SARA: A Collection of Sensitivity-Aware Relevance Assessments
Jack McKechnie, Graham McDonald
TL;DR
This work addresses the need for publicly accessible resources to develop sensitivity-aware search by extending the Enron email collection with Sensitivity-Aware Relevance Assessments (SARA). Using Latent Dirichlet Allocation, the authors identify 50 topics, generate short information-needs descriptions, and collect crowdsourced queries and relevance judgments (11,471 total) to create a rich testbed that pairs information needs with sensitivity labels.
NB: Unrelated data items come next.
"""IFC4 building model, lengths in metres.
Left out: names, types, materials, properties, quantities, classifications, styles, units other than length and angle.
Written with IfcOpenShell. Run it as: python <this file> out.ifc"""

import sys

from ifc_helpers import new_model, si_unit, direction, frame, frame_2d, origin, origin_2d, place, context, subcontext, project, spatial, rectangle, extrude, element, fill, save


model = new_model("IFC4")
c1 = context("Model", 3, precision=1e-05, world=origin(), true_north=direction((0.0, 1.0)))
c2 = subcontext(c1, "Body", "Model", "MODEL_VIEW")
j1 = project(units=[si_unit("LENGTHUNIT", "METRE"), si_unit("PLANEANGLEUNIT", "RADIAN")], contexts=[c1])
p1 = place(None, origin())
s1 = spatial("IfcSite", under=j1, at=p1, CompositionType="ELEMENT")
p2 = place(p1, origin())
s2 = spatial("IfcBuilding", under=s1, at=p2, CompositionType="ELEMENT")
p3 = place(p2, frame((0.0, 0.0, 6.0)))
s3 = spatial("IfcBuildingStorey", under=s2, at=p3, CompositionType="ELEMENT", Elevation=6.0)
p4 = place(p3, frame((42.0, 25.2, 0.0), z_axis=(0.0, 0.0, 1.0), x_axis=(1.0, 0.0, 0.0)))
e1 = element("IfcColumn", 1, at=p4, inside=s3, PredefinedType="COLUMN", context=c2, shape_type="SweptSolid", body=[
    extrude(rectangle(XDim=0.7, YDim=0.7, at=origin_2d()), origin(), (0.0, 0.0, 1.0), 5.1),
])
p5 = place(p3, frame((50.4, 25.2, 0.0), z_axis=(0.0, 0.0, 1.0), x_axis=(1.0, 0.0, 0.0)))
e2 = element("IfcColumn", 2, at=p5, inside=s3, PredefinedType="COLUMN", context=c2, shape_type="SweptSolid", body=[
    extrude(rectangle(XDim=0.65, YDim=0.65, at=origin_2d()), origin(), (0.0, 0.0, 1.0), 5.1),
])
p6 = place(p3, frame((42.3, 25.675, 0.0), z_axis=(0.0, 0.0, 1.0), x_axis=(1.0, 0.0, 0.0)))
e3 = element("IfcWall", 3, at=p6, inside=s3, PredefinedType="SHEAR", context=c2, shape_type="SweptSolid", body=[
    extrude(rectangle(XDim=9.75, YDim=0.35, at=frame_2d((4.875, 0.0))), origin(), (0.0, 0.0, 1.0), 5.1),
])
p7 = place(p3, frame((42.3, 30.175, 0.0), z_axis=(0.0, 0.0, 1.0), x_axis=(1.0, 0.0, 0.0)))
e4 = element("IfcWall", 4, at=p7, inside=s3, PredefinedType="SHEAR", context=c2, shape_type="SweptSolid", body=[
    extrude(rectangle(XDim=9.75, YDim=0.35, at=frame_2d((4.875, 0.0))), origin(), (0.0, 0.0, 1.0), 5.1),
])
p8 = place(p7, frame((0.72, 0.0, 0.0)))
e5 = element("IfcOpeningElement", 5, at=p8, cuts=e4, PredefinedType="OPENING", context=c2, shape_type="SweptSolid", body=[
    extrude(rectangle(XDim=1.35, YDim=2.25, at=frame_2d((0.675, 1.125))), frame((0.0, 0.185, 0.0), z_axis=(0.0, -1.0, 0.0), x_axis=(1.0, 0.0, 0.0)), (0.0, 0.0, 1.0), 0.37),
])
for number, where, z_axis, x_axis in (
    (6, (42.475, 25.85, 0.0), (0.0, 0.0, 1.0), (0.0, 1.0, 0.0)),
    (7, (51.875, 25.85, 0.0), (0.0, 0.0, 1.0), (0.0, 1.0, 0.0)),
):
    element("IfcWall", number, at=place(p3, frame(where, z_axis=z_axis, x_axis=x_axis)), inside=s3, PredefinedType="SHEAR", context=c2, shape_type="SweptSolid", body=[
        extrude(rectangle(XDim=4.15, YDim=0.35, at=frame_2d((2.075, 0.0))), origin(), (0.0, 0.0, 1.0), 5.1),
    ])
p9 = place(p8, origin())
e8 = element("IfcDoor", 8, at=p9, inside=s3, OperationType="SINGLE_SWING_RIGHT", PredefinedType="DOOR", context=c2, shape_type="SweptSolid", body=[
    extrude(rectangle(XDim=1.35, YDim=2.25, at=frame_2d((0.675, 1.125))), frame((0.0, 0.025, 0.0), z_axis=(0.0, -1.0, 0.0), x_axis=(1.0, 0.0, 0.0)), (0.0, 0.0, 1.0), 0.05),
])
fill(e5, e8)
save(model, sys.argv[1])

They demonstrate the utility of the dataset through baseline post-filtering sensitivity classifiers (SVM and LR) and BM25-based retrieval, showing improved metrics when sensitive documents are filtered, and provide the resources openly via GitHub and ir_datasets under CC BY-NC 4.0. The dataset enables evaluation of sensitivity-aware search models and facilitates future research into generalizable handling of sensitive information across diverse domains.
Abstract
Large archival collections, such as email or government documents, must be manually reviewed to identify any sensitive information before the collection can be released publicly. Sensitivity classification has received a lot of attention in the literature. However, more recently, there has been increasing interest in developing sensitivity-aware search engines that can provide users with relevant search results, while ensuring that no sensitive documents are returned to the user. Sensitivity-aware search would mitigate the need for a manual sensitivity review prior to collections being made available publicly. To develop such systems, there is a need for test collections that contain relevance assessments for a set of information needs as well as ground-truth labels for a variety of sensitivity categories. The well-known Enron email collection contains a classification ground-truth that can be used to represent sensitive information, e.g., the Purely Personal and Personal but in Professional Context categories can be used to represent sensitive personal information. However, the existing Enron collection does not contain a set of information needs and relevance assessments. In this work, we present a collection of fifty information needs (topics) with crowdsourced query formulations (3 per topic) and relevance assessments (11,471 in total) for the Enron collection (mean number of relevant documents per topic = 11, variance = 34.7). The developed information needs, queries and relevance judgements are available on GitHub and will be available along with the existing Enron collection through the popular ir_datasets library. Our proposed collection results in the first freely available test collection for developing sensitivity-aware search systems.